La Ville doit ensuite rendre compte des résultats. Si de nouveaux documents sont découverts, l’organisme doit les communiquer ou motiver tout refus. Si aucun document additionnel n’est trouvé, la Ville doit produire des déclarations assermentées détaillées justifiant l’exhaustivité de sa recherche.

Portée et implications pratiques

Pour les organismes publics, cette décision réaffirme que le fardeau de démontrer une recherche complète repose sur l’organisme lui-même. Une réponse initiale négative ne dispense pas de vérifications poussées. Les deux exercices de repérage ayant donné des résultats différents constituent un signal d’alarme probant d’une démarche initiale insuffisante.

Le devoir d’assistance est crucial : Face à une demande qui pourrait être imprécise, l’organisme doit communiquer avec le demandeur pour clarifier, plutôt que de procéder à une interprétation restrictive et d’ajouter des documents hors de la demande.

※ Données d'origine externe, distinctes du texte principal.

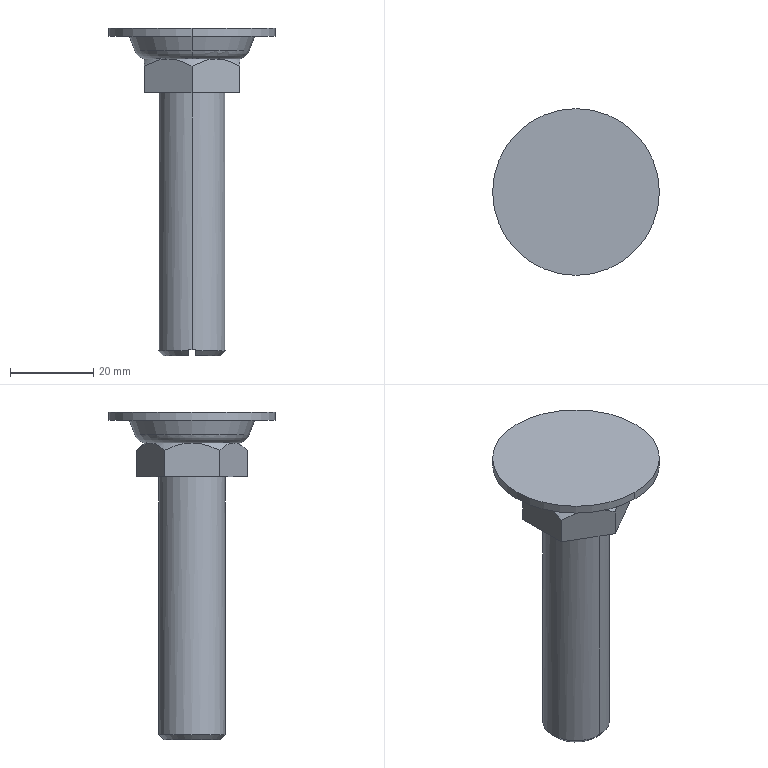Component | SolidWorks | CMAS50_F-2_CMAS50_Fadjuster-1 | 1 solid | 32 faces | box 40 x 40 x 78.6 mm | volume 22096 mm3 | plane 15 | cone 11 | cylinder 4 | torus 2 | commonest cylinder face diameters 16 x2 40 x2 | material 45
build123d program:
from build123d import *

# Parameters (mm, degrees)
SKETCH2_R           = 20
EXTRUDE1_DEPTH      = 11.47
EXTRUDE2_DEPTH      = 8
EXTRUDE2_DEPTH_BACK = 8
SKETCH3_W           = 1.5
SKETCH3_H           = 1.5


with BuildPart() as part:
    # Sketch1 → Revolve1 (revolve)
    with BuildSketch(Plane.XY, mode=Mode.PRIVATE) as revolve1_sk:
        with BuildLine():
            Line((0, 19.6), (6.773, 19.6))
            Line((6.773, 19.6), (8, 18.373))
            Line((8, 18.373), (8, -43.46))
            Line((8, -43.46), (15, -43.46))
            Line((15, -43.46), (15, -48.1))
            Line((15, -48.1), (11.5, -51.6))
            Line((11.5, -51.6), (10.912, -51.6))
            ThreePointArc((10.912, -51.6), (12.626, -52.138), (13.725, -53.558))
            Line((13.725, -53.558), (15, -57))
            Line((15, -57), (20, -57))
            Line((20, -57), (20, -59))
            Line((20, -59), (0, -59))
            Line((0, -59), (0, 19.6))
        make_face()
    revolve(revolve1_sk.sketch.rotate(Axis((0, -59, 0), (0, 1, 0)), 270), axis=Axis((0, -59, 0), (0, 1, 0)))

    # Sketch2 → Extrude1 (cut)
    with BuildSketch(Plane(origin=(0, -51.6, 0), x_dir=(1, 0, 0), z_dir=(0, 1, 0))):
        with Locations(Location((0, 0, 0), (0, 0, 270))):
            Circle(SKETCH2_R)
        Polygon((11.5, -6.64), (11.5, 6.64), (0, 13.279), (-11.5, 6.64), (-11.5, -6.64), (0, -13.279), align=None, mode=Mode.SUBTRACT)
    extrude(amount=EXTRUDE1_DEPTH, mode=Mode.SUBTRACT)

    # Sketch3 → Extrude2 (cut, two sides: drawn at the far end of the back side and taken through both)
    with BuildSketch(Plane.XY.offset(-EXTRUDE2_DEPTH_BACK)):
        with Locations((0, 18.85)):
            Rectangle(SKETCH3_W, SKETCH3_H)
    extrude(amount=EXTRUDE2_DEPTH + EXTRUDE2_DEPTH_BACK, mode=Mode.SUBTRACT)


solid = part.part

# Placed as in the assembly
solid = solid.moved(Location((264, 559, 620), (-90, 0, 0)))
STEP:
#1=COLOUR_RGB('',0.7922,0.8196,0.9333);
#2=FILL_AREA_STYLE_COLOUR('',#1);
#3=FILL_AREA_STYLE('',(#2));
#4=SURFACE_STYLE_FILL_AREA(#3);
#5=SURFACE_SIDE_STYLE('',(#4));
#6=SURFACE_STYLE_USAGE(.BOTH.,#5);
#7=PRESENTATION_STYLE_ASSIGNMENT((#6));
#8=CARTESIAN_POINT('',(10.394,22.323,26.12));
#9=VERTEX_POINT('',#8);
#10=CARTESIAN_POINT('',(10.394,21.693,26.12));
#11=VERTEX_POINT('',#10);
#12=CARTESIAN_POINT('',(10.394,22.008,26.12));
#13=DIRECTION('',(0.,0.,-1.));
#14=DIRECTION('',(0.,1.,0.));
#15=AXIS2_PLACEMENT_3D('',#12,#13,#14);
#16=CIRCLE('',#15,0.315);
#17=EDGE_CURVE('',#9,#11,#16,.T.);
#18=ORIENTED_EDGE('',*,*,#17,.T.);
#19=CARTESIAN_POINT('',(10.394,21.693,23.697));
#20=VERTEX_POINT('',#19);
#21=CARTESIAN_POINT('',(10.394,21.693,26.732));
#22=DIRECTION('',(0.,0.,-1.));
#23=VECTOR('',#22,39.37);
#24=LINE('',#21,#23);
#25=EDGE_CURVE('',#11,#20,#24,.T.);
#26=ORIENTED_EDGE('',*,*,#25,.T.);
#27=CARTESIAN_POINT('',(10.423,21.694,23.697));
#28=VERTEX_POINT('',#27);
#29=CARTESIAN_POINT('',(10.394,22.008,23.697));
#30=DIRECTION('',(0.,0.,1.));
#31=DIRECTION('',(0.,-1.,0.));
#32=AXIS2_PLACEMENT_3D('',#29,#30,#31);
#33=CIRCLE('',#32,0.315);
#34=EDGE_CURVE('',#20,#28,#33,.T.);
#35=ORIENTED_EDGE('',*,*,#34,.T.);
#36=CARTESIAN_POINT('',(10.423,21.694,23.686));
#37=VERTEX_POINT('',#36);
#38=CARTESIAN_POINT('',(10.423,21.694,26.732));
#39=DIRECTION('',(0.,0.,-1.));
#40=VECTOR('',#39,39.37);
#41=LINE('',#38,#40);
#42=EDGE_CURVE('',#28,#37,#41,.T.);
#43=ORIENTED_EDGE('',*,*,#42,.T.);
#44=CARTESIAN_POINT('',(10.423,22.321,23.686));
#45=VERTEX_POINT('',#44);
#46=CARTESIAN_POINT('',(10.394,22.008,23.686));
#47=DIRECTION('',(0.,0.,-1.));
#48=DIRECTION('',(0.,1.,0.));
#49=AXIS2_PLACEMENT_3D('',#46,#47,#48);
#50=CIRCLE('',#49,0.315);
#51=EDGE_CURVE('',#45,#37,#50,.T.);
#52=ORIENTED_EDGE('',*,*,#51,.F.);
#53=CARTESIAN_POINT('',(10.423,22.321,23.697));
#54=VERTEX_POINT('',#53);
#55=CARTESIAN_POINT('',(10.423,22.321,26.732));
#56=DIRECTION('',(0.,0.,1.));
#57=VECTOR('',#56,39.37);
#58=LINE('',#55,#57);
#59=EDGE_CURVE('',#45,#54,#58,.T.);
#60=ORIENTED_EDGE('',*,*,#59,.T.);
#61=CARTESIAN_POINT('',(10.394,22.323,23.697));
#62=VERTEX_POINT('',#61);
#63=CARTESIAN_POINT('',(10.394,22.008,23.697));
#64=DIRECTION('',(0.,0.,1.));
#65=DIRECTION('',(0.,-1.,0.));
#66=AXIS2_PLACEMENT_3D('',#63,#64,#65);
#67=CIRCLE('',#66,0.315);
#68=EDGE_CURVE('',#54,#62,#67,.T.);
#69=ORIENTED_EDGE('',*,*,#68,.T.);
#70=CARTESIAN_POINT('',(10.394,22.323,26.732));
#71=DIRECTION('',(0.,0.,-1.));
#72=VECTOR('',#71,39.37);
#73=LINE('',#70,#72);
#74=EDGE_CURVE('',#9,#62,#73,.T.);
#75=ORIENTED_EDGE('',*,*,#74,.F.);
#76=EDGE_LOOP('',(#18,#26,#35,#43,#52,#60,#69,#75));
#77=FACE_OUTER_BOUND('',#76,.T.);
#78=CARTESIAN_POINT('',(10.394,22.008,26.732));
#79=DIRECTION('',(0.,0.,-1.));
#80=DIRECTION('',(0.,1.,0.));
#81=AXIS2_PLACEMENT_3D('',#78,#79,#80);
#82=CYLINDRICAL_SURFACE('',#81,0.315);
#83=ADVANCED_FACE('',(#77),#82,.T.);
#84=CARTESIAN_POINT('',(10.394,22.795,26.732));
#85=VERTEX_POINT('',#84);
#86=CARTESIAN_POINT('',(10.394,21.22,26.732));
#87=VERTEX_POINT('',#86);
#88=CARTESIAN_POINT('',(10.394,22.008,26.732));
#89=DIRECTION('',(0.,0.,-1.));
#90=DIRECTION('',(0.,1.,0.));
#91=AXIS2_PLACEMENT_3D('',#88,#89,#90);
#92=CIRCLE('',#91,0.7874);
#93=EDGE_CURVE('',#85,#87,#92,.T.);
#94=ORIENTED_EDGE('',*,*,#93,.T.);
#95=CARTESIAN_POINT('',(10.394,21.22,26.654));
#96=VERTEX_POINT('',#95);
#97=CARTESIAN_POINT('',(10.394,21.22,26.732));
#98=DIRECTION('',(0.,0.,-1.));
#99=VECTOR('',#98,39.37);
#100=LINE('',#97,#99);
#101=EDGE_CURVE('',#87,#96,#100,.T.);
#102=ORIENTED_EDGE('',*,*,#101,.T.);
#103=CARTESIAN_POINT('',(10.394,22.795,26.654));
#104=VERTEX_POINT('',#103);
#105=CARTESIAN_POINT('',(10.394,22.008,26.654));
#106=DIRECTION('',(0.,0.,-1.));
#107=DIRECTION('',(0.,1.,0.));
#108=AXIS2_PLACEMENT_3D('',#105,#106,#107);
#109=CIRCLE('',#108,0.7874);
#110=EDGE_CURVE('',#104,#96,#109,.T.);
#111=ORIENTED_EDGE('',*,*,#110,.F.);
#112=CARTESIAN_POINT('',(10.394,22.795,26.732));
#113=DIRECTION('',(0.,0.,-1.));
#114=VECTOR('',#113,39.37);
#115=LINE('',#112,#114);
#116=EDGE_CURVE('',#85,#104,#115,.T.);
#117=ORIENTED_EDGE('',*,*,#116,.F.);
#118=EDGE_LOOP('',(#94,#102,#111,#117));
#119=FACE_OUTER_BOUND('',#118,.T.);
#120=CARTESIAN_POINT('',(10.394,22.008,26.732));
#121=DIRECTION('',(0.,0.,-1.));
#122=DIRECTION('',(0.,1.,0.));
#123=AXIS2_PLACEMENT_3D('',#120,#121,#122);
#124=CYLINDRICAL_SURFACE('',#123,0.7874);
#125=ADVANCED_FACE('',(#119),#124,.T.);
#126=CARTESIAN_POINT('',(10.394,22.548,26.518));
#127=VERTEX_POINT('',#126);
#128=CARTESIAN_POINT('',(10.394,21.468,26.518));
#129=VERTEX_POINT('',#128);
#130=CARTESIAN_POINT('',(10.394,22.008,26.518));
#131=DIRECTION('',(0.,0.,-1.));
#132=DIRECTION('',(0.,1.,0.));
#133=AXIS2_PLACEMENT_3D('',#130,#131,#132);
#134=CIRCLE('',#133,0.5404);
#135=EDGE_CURVE('',#127,#129,#134,.T.);
#136=ORIENTED_EDGE('',*,*,#135,.F.);
#137=CARTESIAN_POINT('',(10.394,22.598,26.654));
#138=VERTEX_POINT('',#137);
#139=CARTESIAN_POINT('',(10.394,22.598,26.654));
#140=DIRECTION('',(0.,0.3473,0.9377));
#141=VECTOR('',#140,39.37);
#142=LINE('',#139,#141);
#143=EDGE_CURVE('',#127,#138,#142,.T.);
#144=ORIENTED_EDGE('',*,*,#143,.T.);
#145=CARTESIAN_POINT('',(10.394,21.417,26.654));
#146=VERTEX_POINT('',#145);
#147=CARTESIAN_POINT('',(10.394,22.008,26.654));
#148=DIRECTION('',(0.,0.,-1.));
#149=DIRECTION('',(0.,1.,0.));
#150=AXIS2_PLACEMENT_3D('',#147,#148,#149);
#151=CIRCLE('',#150,0.5906);
#152=EDGE_CURVE('',#138,#146,#151,.T.);
#153=ORIENTED_EDGE('',*,*,#152,.T.);
#154=CARTESIAN_POINT('',(10.394,21.417,26.654));
#155=DIRECTION('',(0.,-0.3473,0.9377));
#156=VECTOR('',#155,39.37);
#157=LINE('',#154,#156);
#158=EDGE_CURVE('',#129,#146,#157,.T.);
#159=ORIENTED_EDGE('',*,*,#158,.F.);
#160=EDGE_LOOP('',(#136,#144,#153,#159));
#161=FACE_OUTER_BOUND('',#160,.T.);
#162=CARTESIAN_POINT('',(10.394,22.008,26.654));
#163=DIRECTION('',(0.,0.,1.));
#164=DIRECTION('',(0.,-1.,0.));
#165=AXIS2_PLACEMENT_3D('',#162,#163,#164);
#166=CONICAL_SURFACE('',#165,0.5906,0.3547);
#167=ADVANCED_FACE('',(#161),#166,.T.);
#168=ORIENTED_EDGE('',*,*,#135,.T.);
#169=CARTESIAN_POINT('',(10.394,21.578,26.441));
#170=VERTEX_POINT('',#169);
#171=CARTESIAN_POINT('',(10.394,21.578,26.559));
#172=DIRECTION('',(1.,0.,0.));
#173=DIRECTION('',(0.,1.,0.));
#174=AXIS2_PLACEMENT_3D('',#171,#172,#173);
#175=CIRCLE('',#174,0.1181);
#176=EDGE_CURVE('',#129,#170,#175,.T.);
#177=ORIENTED_EDGE('',*,*,#176,.T.);
#178=CARTESIAN_POINT('',(10.394,22.437,26.441));
#179=VERTEX_POINT('',#178);
#180=CARTESIAN_POINT('',(10.394,22.008,26.441));
#181=DIRECTION('',(0.,0.,-1.));
#182=DIRECTION('',(0.,1.,0.));
#183=AXIS2_PLACEMENT_3D('',#180,#181,#182);
#184=CIRCLE('',#183,0.4296);
#185=EDGE_CURVE('',#179,#170,#184,.T.);
#186=ORIENTED_EDGE('',*,*,#185,.F.);
#187=CARTESIAN_POINT('',(10.394,22.437,26.559));
#188=DIRECTION('',(-1.,0.,0.));
#189=DIRECTION('',(0.,0.,1.));
#190=AXIS2_PLACEMENT_3D('',#187,#188,#189);
#191=CIRCLE('',#190,0.1181);
#192=EDGE_CURVE('',#127,#179,#191,.T.);
#193=ORIENTED_EDGE('',*,*,#192,.F.);
#194=EDGE_LOOP('',(#168,#177,#186,#193));
#195=FACE_OUTER_BOUND('',#194,.T.);
#196=CARTESIAN_POINT('',(10.394,22.008,26.559));
#197=DIRECTION('',(0.,0.,-1.));
#198=DIRECTION('',(0.,1.,0.));
#199=AXIS2_PLACEMENT_3D('',#196,#197,#198);
#200=TOROIDAL_SURFACE('',#199,0.4296,0.1181);
#201=ADVANCED_FACE('',(#195),#200,.T.);
#202=CARTESIAN_POINT('',(10.167,22.4,26.441));
#203=VERTEX_POINT('',#202);
#204=CARTESIAN_POINT('',(10.394,22.461,26.441));
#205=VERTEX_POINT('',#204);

L’article 34 ne ferme pas toutes les portes : L’invocation du privilège de confidentialité des documents d’élus ne dispense pas l’organisme d’identifier les documents potentiels. C’est la Commission qui tranche la question du privilège.

Implications pour les demandeurs : Bien que la formulation précise soit souhaitable, les demandes peuvent être formulées en termes plus généraux. Le juge favorise une interprétation globale et généreuse de la demande en faveur de l’accès à l’information.

Cette décision interlocutoire met l’accent sur le caractère fondamental du droit d’accès à l’information dans le contexte municipal et administratif québécois, tout en rappelant que les droits des citoyens ne doivent pas être frustrés par des recherches superficielles ou stratégiquement limitées.